THE SWORD OF STORM SHADOW



> This blinding white sword has a high carbon steel blade and is richly powder coated with the cutting edge exposed. The sword's Tsuba is beautifully pierced, displaying the deadly and fast striking Cobra, to which Storm Shadow pledges his allegiance..
> Your Storm Shadow sword comes complete with a low, Katana styled display stand featuring the Cobra insignia and the name of our powerful Ninja.




​


----------



## bushidomartialarts (Mar 17, 2006)

now i know.....


----------



## Saitama Steve (Mar 17, 2006)

Now that is just sad.


----------



## pgsmith (Mar 17, 2006)

Bwahahahahahahaha .....:rofl: whew .... I feel better now!


----------



## Walter Wong (Mar 17, 2006)

That's an interesting looking wallhanger.  Looks like it'll make a nice novelty piece to display.  Looks like one of those swords for the G.I. Joe cartoon ninjas.


----------



## Touch Of Death (Mar 17, 2006)

I can get that blade powdercoated to any texture, color, or color combination (cammo) you want. 
Sean


----------



## RoninPimp (Mar 17, 2006)

*throws up*


----------



## Xue Sheng (Mar 17, 2006)

Walter Wong said:
			
		

> That's an interesting looking wallhanger.

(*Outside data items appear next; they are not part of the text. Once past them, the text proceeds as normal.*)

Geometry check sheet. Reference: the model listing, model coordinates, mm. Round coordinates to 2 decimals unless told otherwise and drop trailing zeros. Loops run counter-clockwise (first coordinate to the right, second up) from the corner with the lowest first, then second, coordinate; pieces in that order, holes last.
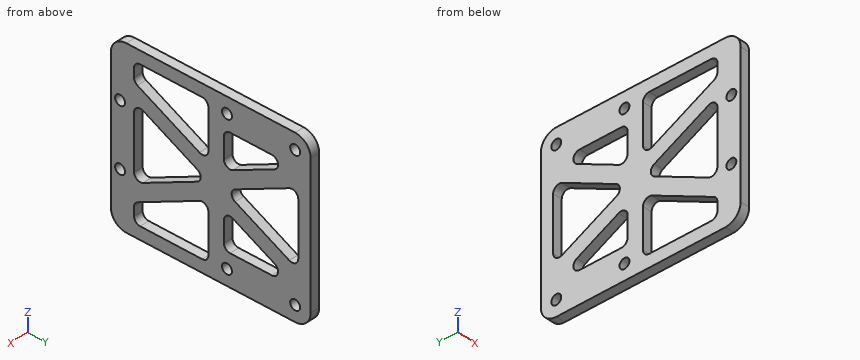
```python
from build123d import *

# Parameters (mm, degrees)
SKETCH_2_W          = 55
SKETCH_2_H          = 64.5
EXTRUDE_1_DEPTH     = 3
SKETCH_3_R          = 1.6
CUT_EXTRUDE_1_DEPTH = 3
FILLET_1_R          = 5
CUT_EXTRUDE_2_DEPTH = 3
FILLET_2_R          = 2


with BuildPart() as part:
    # 草图2 → 凸台-拉伸1 (new body)
    with BuildSketch(Plane(origin=(0, 0, 0), x_dir=(0, 0, -1), z_dir=(1, 0, 0))):
        with Locations((27.5, 32.25)):
            Rectangle(SKETCH_2_W, SKETCH_2_H)
    extrude(amount=EXTRUDE_1_DEPTH)

    # 草图3 → 切除-拉伸1 (cut)
    with BuildSketch(Plane.ZY):
        with Locations((-5, 59.5)):
            Circle(SKETCH_3_R)
        with Locations((-5, 37.5)):
            Circle(SKETCH_3_R)
        with Locations((-50, 59.5)):
            Circle(SKETCH_3_R)
        with Locations((-50, 37.5)):
            Circle(SKETCH_3_R)
        with Locations((-37.5, 3)):
            Circle(SKETCH_3_R)
        with Locations((-17.5, 3)):
            Circle(SKETCH_3_R)
    extrude(amount=-CUT_EXTRUDE_1_DEPTH, mode=Mode.SUBTRACT)

    # 圆角1
    fillet_1_edges = [part.edges().sort_by_distance(p)[0] for p in [
        (1.5, 64.5, 0),
        (1.5, 64.5, -55),
        (1.5, 0, -55),
        (1.5, 0, 0),
    ]]
    fillet(fillet_1_edges, radius=FILLET_1_R)

    # 草图4 → 切除-拉伸2 (cut)
    with BuildSketch(Plane.ZY):
        Polygon((-39.417495765, 60.5), (-27.5, 36.5), (-15.582504235, 60.5), align=None)
        Polygon((-45, 60.5), (-45, 36.5), (-33.082504235, 36.5), align=None)
        Polygon((-21.917495765, 36.5), (-10, 60.5), (-10, 36.5), align=None)
        Polygon((-10, 31.5), (-21.917495765, 31.5), (-10, 7.5), (-4, 7.5), (-4, 31.5), align=None)
        Polygon((-39.417495765, 7.5), (-27.5, 31.5), (-15.582504235, 7.5), align=None)
        Polygon((-45, 31.5), (-33.082504235, 31.5), (-45, 7.5), (-51, 7.5), (-51, 31.5), align=None)
    extrude(amount=-CUT_EXTRUDE_2_DEPTH, mode=Mode.SUBTRACT)

    # 圆角2
    fillet_2_edges = [part.edges().sort_by_distance(p)[0] for p in [
        (1.5, 60.5, -45),
        (1.5, 36.5, -33.082504235),
        (1.5, 36.5, -45),
        (1.5, 60.5, -39.417495765),
        (1.5, 60.5, -15.582504235),
        (1.5, 36.5, -27.5),
        (1.5, 31.5, -27.5),
        (1.5, 7.5, -15.582504235),
        (1.5, 7.5, -39.417495765),
        (1.5, 31.5, -4),
        (1.5, 7.5, -4),
        (1.5, 7.5, -10),
        (1.5, 31.5, -21.917495765),
        (1.5, 7.5, -51),
        (1.5, 31.5, -51),
        (1.5, 31.5, -33.082504235),
        (1.5, 7.5, -45),
        (1.5, 36.5, -10),
        (1.5, 36.5, -21.917495765),
        (1.5, 60.5, -10),
    ]]
    fillet(fillet_2_edges, radius=FILLET_2_R)


solid = part.part
```
1) Sectioned sample at A-A, the plane z = -33. Record the cut outline in (x, y).
Report:
outline: (0, 0) - (3, 0) - (3, 7.5) - (0, 7.5) - close; (0, 20.42) - (3, 20.42) - (3, 47.58) - (0, 47.58) - close; (0, 60.5) - (3, 60.5) - (3, 64.5) - (0, 64.5) - close
2) Sectioned sample at B-B, the plane y = 37.5. Record the cut outline in (x, z), then the cut area to 3 significant figures.
Report:
outline: (0, -55) - (3, -55) - (3, -51.6) - (0, -51.6) - close; (0, -48.4) - (3, -48.4) - (3, -44.73) - (0, -44.73) - close; (0, -34.58) - (3, -34.58) - (3, -20.42) - (0, -20.42) - close; (0, -10.27) - (3, -10.27) - (3, -6.6) - (0, -6.6) - close; (0, -3.4) - (3, -3.4) - (3, 0) - (0, 0) - close
area: 84.9 mm2
3) Sectioned sample at D-D, the plane y = 47.5. Record the cut outline in (x, z).
Report:
outline: (0, -55) - (3, -55) - (3, -45) - (0, -45) - close; (0, -38.54) - (3, -38.54) - (3, -32.96) - (0, -32.96) - close; (0, -22.04) - (3, -22.04) - (3, -16.46) - (0, -16.46) - close; (0, -10) - (3, -10) - (3, 0) - (0, 0) - close
4) Sectioned sample at C-C, the plane x = 1.3. State how many separate pieces and enclosed holes the cut face has, then the cut area to 3 significant figures.
Report:
separate pieces: 1
enclosed holes: 12
area: 2,100 mm2
5) Scan lines: line 1 along Y through (x, z) = (2.4, -48); line 2 along Z through (x, y) = (0.35, 24); line 3 along Y through (x, z) = (2.55, -49.5). Record each from-to range of solid material in increasing order.
Report:
line 1: y = 0 to 7.5, 31.5 to 64.5
line 2: z = -55 to -51, -36.81 to -31.22, -23.78 to -18.19, -4 to 0
line 3: y = 0 to 7.56, 31.44 to 35.98, 39.02 to 57.98, 61.02 to 64.5
Could you check a few things on this model? Use its own coordinates, in mm. Give positions to 0.01 mm unless a question says otherwise; leave off trailing zeros. Loops run counter-clockwise (first coordinate to the right, second up) from the corner with the lowest first, then second, coordinate; pieces in that order, holes last. Notation, with made-up numbers: M 65,-24 L 76,-24 A24 ccw 76,-2 Z; hole C 65.5,34.5 d3. An arc over 180 degrees is marked long. Answer in a Markdown table with one row per item. Add a question column.
```python
from build123d import *

# Parameters (mm, degrees)
SKETCH1_W                    = 140
SKETCH1_H                    = 110
BOSS_EXTRUDE1_DEPTH          = 14
FILLET1_R                    = 5
M12_TAPPED_HOLE1_D           = 10.2
M12_TAPPED_HOLE1_DEPTH       = 32.75
M12_TAPPED_HOLE1_CSINK_D     = 12.05
M12_TAPPED_HOLE1_CSINK_ANGLE = 90
M12_TAPPED_HOLE1_TIP         = 3.064389157


with BuildPart() as part:
    # Sketch1 → Boss-Extrude1 (new body)
    with BuildSketch(Plane(origin=(0, 0, 0), x_dir=(0, 0, -1), z_dir=(1, 0, 0))):
        Rectangle(SKETCH1_W, SKETCH1_H)
    extrude(amount=BOSS_EXTRUDE1_DEPTH)

    # Fillet1
    fillet1_edges = [part.edges().sort_by_distance(p)[0] for p in [
        (7, -55, -70),
        (7, -55, 70),
        (7, 55, 70),
        (7, 55, -70),
    ]]
    fillet(fillet1_edges, radius=FILLET1_R)

    # M12 Tapped Hole1
    with Locations(Plane.ZY):
        with Locations((-52.5, 34.756569307), (52.499717816, 35), (52.5, -35), (-52.5, -35.243430693)):
            CounterSinkHole(M12_TAPPED_HOLE1_D / 2, M12_TAPPED_HOLE1_CSINK_D / 2, depth=M12_TAPPED_HOLE1_DEPTH, counter_sink_angle=M12_TAPPED_HOLE1_CSINK_ANGLE)
            with Locations((0, 0, -(M12_TAPPED_HOLE1_DEPTH + M12_TAPPED_HOLE1_TIP / 2))):  # 118° drill point
                Cone(0, M12_TAPPED_HOLE1_D / 2, M12_TAPPED_HOLE1_TIP, mode=Mode.SUBTRACT)


solid = part.part
```
Item 1: If we mould it in two halves opening along Y, with no side actions, what happens to faces 1 (the face through (7, 53, 69)), 2 (the face through (7.55, -38.1, 56.55)), 3 (the face through (7, -1, -70))? For each: +Y half, -Y half, draft (parallel to the pull), parting line (faces both ways), or undercut.
Item 2: Suppose I cut it at A-A (x = 11.75). List the corners of the cut face in (y, z) for me.
Item 3: I need wall thicknesses on L1, parallel to Z at x = 8.75, y = 34.5; L2, parallel to Y at x = 7, z = -52.5; L3, parallel to Y at x = 11, z = 52.5. Which ranges of each line are inside material? Lowest first, please.
Item 4: Suppose I cut it at B-B (z = 52.5). Give the number of separate pieces and of enclosed holes in the cut face, then the cut area to 3 significant figures.
Values found:
| question | item | result |
|---|---|---|
| 1 | face 1 | +Y half |
| 1 | face 2 | undercut |
| 1 | face 3 | draft |
| 2 | outline | M -55,-65 A5 ccw -50,-70 L 50,-70 A5 ccw 55,-65 L 55,65 A5 ccw 50,70 L -50,70 A5 ccw -55,65 Z; hole C -35.24,-52.5 d10.2; hole C -35,52.5 d10.2; hole C 34.76,-52.5 d10.2; hole C 35,52.5 d10.2 |
| 3 | L1 | -70 to -57.59, -47.41 to 47.42, 57.58 to 70 |
| 3 | L2 | -55 to -40.34, -30.14 to 29.66, 39.86 to 55 |
| 3 | L3 | -55 to -40.1, -29.9 to 29.9, 40.1 to 55 |
| 4 | separate pieces | 3 |
| 4 | enclosed holes | 0 |
| 4 | area | 1,250 mm² |
from build123d import *

# Parameters (mm, degrees)
SKETCH1_R               = 3
BOSS_EXTRUDE1_DEPTH     = 8
CUT_EXTRUDE1_DEPTH      = 10
CUT_EXTRUDE1_DEPTH_BACK = 10
SKETCH2_W               = 30
SKETCH2_H               = 6
BOSS_EXTRUDE2_DEPTH     = 5
SCALE1_SCALE            = 0.5


with BuildPart() as part:
    # Sketch1 → Boss-Extrude1 (new body)
    with BuildSketch(Plane.XY):
        with BuildLine():
            Line((-59.466854234, -95.453658304), (-34.265346163, -6.824512068))
            ThreePointArc((-34.265346163, -6.824512068), (-30.086435736, -0.093123284), (-22.875098798, -3.375120677))
            ThreePointArc((-22.875098798, -3.375120677), (-18.350652777, -6.324611935), (-13.784422872, -3.44023073))
            ThreePointArc((-13.784422872, -3.44023073), (-5.593314668, -0.648514381), (-3.132391837, -8.945007172))
            ThreePointArc((-3.132391837, -8.945007172), (-3.598758132, -10.251856882), (-3.590598772, -11.639404038))
            Line((-3.590598772, -11.639404038), (-4.345412305, -7.496284288))
            Line((-4.345412305, -7.496284288), (-48.279353466, -99.676151096))
            ThreePointArc((-48.279353466, -99.676151096), (-55.814324496, -102.708171614), (-59.466854234, -95.453658304))
        make_face()
        with Locations((-28.347406658, -5.835577277)):
            Circle(SKETCH1_R, mode=Mode.SUBTRACT)
        with Locations((-8.347919622, -5.978819396)):
            Circle(SKETCH1_R, mode=Mode.SUBTRACT)
    extrude(amount=BOSS_EXTRUDE1_DEPTH)

    # Sketch2 → Cut-Extrude1 (cut, two sides: drawn at the far end of the back side and taken through both)
    with BuildSketch(Plane(origin=(0, 0, 0), x_dir=(1, 0, 0), z_dir=(0, 1, 0)).offset(-CUT_EXTRUDE1_DEPTH_BACK)):
        with Locations((-2.347919622, -4)):
            Rectangle(SKETCH2_W, SKETCH2_H)
    extrude(amount=CUT_EXTRUDE1_DEPTH + CUT_EXTRUDE1_DEPTH_BACK, mode=Mode.SUBTRACT)

    # Sketch3 → Boss-Extrude2 (add)
    with BuildSketch(Plane.XY.offset(8)):
        with BuildLine():
            Line((-16.158374435, -32.281615332), (-41.189011455, -31.173790769))
            Line((-41.189011455, -31.173790769), (-59.466854234, -95.453658304))
            ThreePointArc((-59.466854234, -95.453658304), (-55.814324496, -102.708171614), (-48.279353466, -99.676151096))
            Line((-48.279353466, -99.676151096), (-16.158374435, -32.281615332))
        make_face()
    boss_extrude2 = extrude(amount=BOSS_EXTRUDE2_DEPTH)

    # Mirror1: Boss-Extrude2 across plane
    add(boss_extrude2.mirror(Plane.XY.offset(4)))


with BuildPart() as part_1:
    # Scale1: scaled about (0, 0, 0)
    add(part.part.scale(SCALE1_SCALE))


solid = part_1.part
Input: part model. Units: mm. Frame: model coordinates. A direction names the side the tool comes from. Give positions to 0.01 mm unless a question says otherwise; leave off trailing zeros. Order: outer loops, then holes, each group sorted by start corner. A loop starts at its lowest first (then second) coordinate and runs counter-clockwise, first axis right, second up. Notation, with made-up numbers: (-12.5, -5.75) - (39.5, -5.75) arc R21 ccw to (39.5, 24.25) - close; hole circle Ø11 at (34, -16). An arc over 180 degrees is marked (long way). Answer as a JSON object with one key per item and string values. Group by question number.
Q1. Mould query, pull axis Z, two halves, no side actions, for faces 4 (the face through (-6, -5, 2)), 5 (the face through (-2.857, -0.294, 3.746)), 6 (the face through (-19, -33, 6.5)), 7 (the face through (-8.674, -4, 2)). Classes: pulls with the +Z half, pulls with the -Z half, needs draft (parallel to the pull), parting line crosses it, or undercut.
Q2. Cut plane B-B, the plane x = -4.75. Output: boundary loops of the cut face in (y, z).
Q3. Cut plane C-C, the plane y = -29. Output: boundary loops of the cut face in (x, z).
Q4. Cut plane D-D, the plane x = -14. Output: boundary loops of the cut face in (y, z).
Q5. Set-up query: faces 1 (the face through (-19, -33, -2.5)), 2 (the face through (-6, -3, 3.5)), 3 (the face through (-14.249, -15.868, 5.232)). Return all of +Z, -Z, +X, -X, +Y, -Y with unobstructed straight access to the full face (end or side cutting, diameter ignored); none if empty.
Q6. Cut plane A-A, the plane z = 2.75. Output: boundary loops of the cut face in (x, y), then the cut area to 3 significant figures.
Q7. First-contact query: pin 1 Ø1.8 at (x, y) = (-14.17, -2.92) entering from -Z; pin 2 Ø13 at (x, y) = (-11.5, -9) entering from +Z; pin 3 Ø4 at (x, z) = (-22.5, 3.5) entering from -Y; pin 4 Ø2 at (y, z) = (-10, 3.5) entering from -X. Flat tips, straight axial feed; report the tip coordinate or a pass-through.
Q8. Line query: probe 1 along Z at (x, y) = (-5.5, -10); probe 2 along X at (y, z) = (-3.5, 3.75); probe 3 along X at (y, z) = (-23.5, 4). Output: solid intervals per line, ascending.
Results:
{
 "1": {"face 4": "undercut", "face 5": "needs draft", "face 6": "pulls with the +Z half", "face 7": "undercut"},
 "2": {"outline": "(-9.16, 0) - (-4.37, 0) - (-4.37, 0.5) - (-5, 0.5) - (-5, 3.5) - (-4.37, 3.5) - (-4.37, 4) - (-9.16, 4) - close; (-1.6, 0) - (-0.05, 0) - (-0.05, 0.5) - (-1.6, 0.5) - close; (-1.6, 3.5) - (-0.05, 3.5) - (-0.05, 4) - (-1.6, 4) - close"},
 "3": {"outline": "(-24.41, -2.5) - (-14.21, -2.5) - (-14.21, 6.5) - (-24.41, 6.5) - close"},
 "4": {"outline": "(-28.56, -2.5) - (-15.88, -2.5) - (-15.88, 0) - (-4.41, 0) - (-4.41, 4) - (-15.88, 4) - (-15.88, 6.5) - (-28.56, 6.5) - close; (-1.43, 0) - (0.08, 0) - (0.08, 4) - (-1.43, 4) - close"},
 "5": {"face 1": "-Z, +X, -X, +Y, -Y", "face 2": "+X, +Y", "face 3": "+Z, +X, +Y"},
 "6": {"outline": "(-29.73, -47.73) arc R3 ccw to (-24.14, -49.84) - (-2.77, -5) - (-8.67, -5) - (-8.67, -3.12) arc R2.5 cw to (-11.44, -1.69) arc R3 ccw to (-17.13, -3.41) - close; (-1.94, -5) - (-1.8, -5.82) arc R2 cw to (-1.77, -5) - close; hole circle Ø3 at (-14.17, -2.92)", "area": "502 mm^2"},
 "7": {"pin 1": "through", "pin 2": "z = 4", "pin 3": "y = -50.41", "pin 4": "x = -19.29"},
 "8": {"probe 1": "0 to 4", "probe 2": "-17.16 to -15.56, -12.79 to -5.58, -2.76 to -1.22", "probe 3": "-22.84 to -11.59"}
}
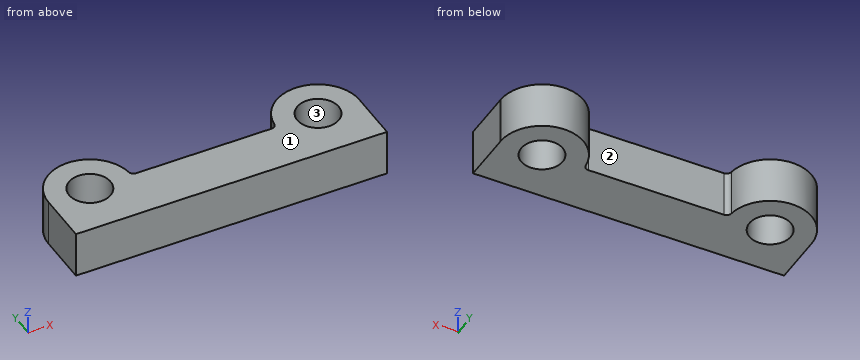
from build123d import *

# Parameters (mm, degrees)
SKETCH1_R           = 40
BOSS_EXTRUDE2_DEPTH = 90


with BuildPart() as part:
    # Sketch1 → Boss-Extrude2 (new body)
    with BuildSketch(Plane.XY):
        with BuildLine():
            ThreePointArc((-140.4953608, 8.888888889), (-224.451340472, 79.876063799), (-300, 0))
            Line((-300, 0), (-300, -100))
            Line((-300, -100), (300, -100))
            Line((300, -100), (299.972882257, -2.08281146))
            Line((299.972882257, -2.08281146), (299.971716338, 2.127107427))
            ThreePointArc((299.971716338, 2.127107427), (223.388947093, 79.928186753), (140.4953608, 8.888888889))
            ThreePointArc((140.4953608, 8.888888889), (137.223947567, 2.546440075), (130.5572809, 0))
            Line((130.5572809, 0), (-130.5572809, 0))
            ThreePointArc((-130.5572809, 0), (-137.223947567, 2.546440075), (-140.4953608, 8.888888889))
        make_face()
        with Locations(Location((-220, 0, 0), (0, 0, 180))):
            Circle(SKETCH1_R, mode=Mode.SUBTRACT)
        with Locations(Location((220, 0, 0), (0, 0, 180))):
            Circle(SKETCH1_R, mode=Mode.SUBTRACT)
    extrude(amount=BOSS_EXTRUDE2_DEPTH)


solid = part.part
Geometry: final body of the model. Coordinates: model frame, mm. Face numbers are marked on the shaded views. Coordinates: 2 decimals unless noted, no trailing zeros. Write each loop counter-clockwise with the first axis right and the second up, starting at its lowest first coordinate (ties: lowest second). Pieces come first, ordered by that corner, then holes. Notation, with made-up numbers: (-4, 85) - (18, 85) arc R19 ccw to (18, 94) - close; hole circle Ø6 at (51, 81.25). An arc over 180 degrees is marked (long way). Return JSON: item names as keys, results as strings.
Item 1: Section query A-A (z = 45). Output: boundary loops of the cut face in (x, y).
Completed:
{"outline": "(-300, -100) - (300, -100) - (299.97, 2.13) arc R80 ccw to (140.5, 8.89) arc R10 cw to (130.56, 0) - (-130.56, 0) arc R10 cw to (-140.5, 8.89) arc R80 ccw to (-300, 0) - close; hole circle Ø80 at (-220, 0); hole circle Ø80 at (220, 0)"}
Item 2: Section query C-C (y = 53.5). Output: boundary loops of the cut face in (x, z), and give its area (3 significant figures).
Completed:
{"outline": "(-279.48, 0) - (-160.52, 0) - (-160.52, 90) - (-279.48, 90) - close; (160.52, 0) - (279.48, 0) - (279.48, 90) - (160.52, 90) - close", "area": "21,400 mm2"}
Item 3: Pin query (flat end, axial travel): pin 1 Ø6 at (x, z) = (-54.5, 73) entering from +Y; pin 2 Ø4.5 at (y, z) = (1, 37.5) entering from +X; pin 3 Ø12 at (y, z) = (48.5, 75) entering from -X. Return the tip coordinate at first contact, or that it passes through.
Completed:
{"pin 1": "stops at y = 0", "pin 2": "stops at x = 299.97", "pin 3": "stops at x = -287.78"}
Item 4: Section query D-D (y = -20.5). Output: boundary loops of the cut face in (x, z).
Completed:
{"outline": "(-300, 0) - (-254.35, 0) - (-254.35, 90) - (-300, 90) - close; (-185.65, 0) - (185.65, 0) - (185.65, 90) - (-185.65, 90) - close; (254.35, 0) - (299.98, 0) - (299.98, 90) - (254.35, 90) - close"}
Item 5: Line query: L1, parallel to Y at x = 220, z = 32.5; L2, parallel to X at y = -10, z = 37.5; L3, parallel to Y at x = -93.5, z = 48.5. Output: solid intervals per line, ascending.
Completed:
{"L1": "y = -100 to -40, 40 to 80", "L2": "x = -300 to -258.73, -181.27 to 181.27, 258.73 to 299.98", "L3": "y = -100 to 0"}
Item 6: Pull-direction query (Y, two-part tool) for the marked faces 1, 2 and 3; classes: +Y half, -Y half, draft (parallel to the pull), parting line (faces both ways), or undercut.
Completed:
{"face 1": "draft", "face 2": "+Y half", "face 3": "undercut"}
Item 7: Section query B-B (x = -186). Output: boundary loops of the cut face in (y, z), and give its area (3 significant figures).
Completed:
{"outline": "(-100, 0) - (-21.07, 0) - (-21.07, 90) - (-100, 90) - close; (21.07, 0) - (72.42, 0) - (72.42, 90) - (21.07, 90) - close", "area": "11,700 mm2"}

Looks like it'll make a nice novelty piece to display. Looks like one of those swords for the G.I. Joe cartoon ninjas.


 
Sadly....I think it actually IS a replica of a GI Joe sword.......

But it is white and could be hard to see in the snow as well as come in handy for ninja tactics if you are ever in Antarctica combating the vicious emperor penguin


----------



## Cryozombie (Mar 17, 2006)

Xue Sheng said:
			
		

> Sadly....I think it actually IS a replica of a GI Joe sword.......


 
It is... there has been a big rise in 80's cartoon swords being released.  Ive seen the Thundercats sword, He-Man's Sword, Skeletor's Sword... now the Gi Goe ones...

It makes me giggle... and if it wasnt so damn expensive, Id buy it and hang it over my bar... but its not worth 200 bucks...  

As a kid, Gi Joe was one of my favorite cartoons... Its pretty funny, cuz I watched one recently, and MAN did they SUCK... But hey. Fond childhood memories die hard.


----------



## Touch Of Death (Mar 17, 2006)

Technopunk said:
			
		

> It is... there has been a big rise in 80's cartoon swords being released. Ive seen the Thundercats sword, He-Man's Sword, Skeletor's Sword... now the Gi Goe ones...
> 
> It makes me giggle... and if it wasnt so damn expensive, Id buy it and hang it over my bar... but its not worth 200 bucks...
> 
> As a kid, Gi Joe was one of my favorite cartoons... Its pretty funny, cuz I watched one recently, and MAN did they SUCK... But hey. Fond childhood memories die hard.


I, for one, can picture a radical right wing ninja stamping out gay penguines. Only the first penguine wouldn't see the sword however.
Sean


----------



## Touch Of Death (Mar 17, 2006)

Take your spare swords to any plating shop. They will do anything you want for less than $100.
Sean


----------



## Xue Sheng (Mar 17, 2006)

Touch Of Death said:
			
		

> I, for one, can picture a radical right wing ninja stamping out gay penguines. Only the first penguine wouldn't see the sword however.
> Sean


 
I bet a good ninja could get 3 or 4 of them before they noticed, of course I'm talking emperor penguins, I am not sure how fast gay penguins are or are not. 

GI Joe, would of course get more, but were not talking GI Joe.


----------



## Nanalo74 (Mar 17, 2006)

Do they have Snake Eyes' sword too? 

Ok so I'm a geek!

Vic
www.combatartsusa.com


----------



## Cryozombie (Mar 17, 2006)

Nanalo74 said:
			
		

> Do they have Snake Eyes' sword too?
> 
> Ok so I'm a geek!
> 
> ...


 
Yes


----------



## Nanalo74 (Mar 17, 2006)

SWEET!

Vic
www.combatartsusa.com


----------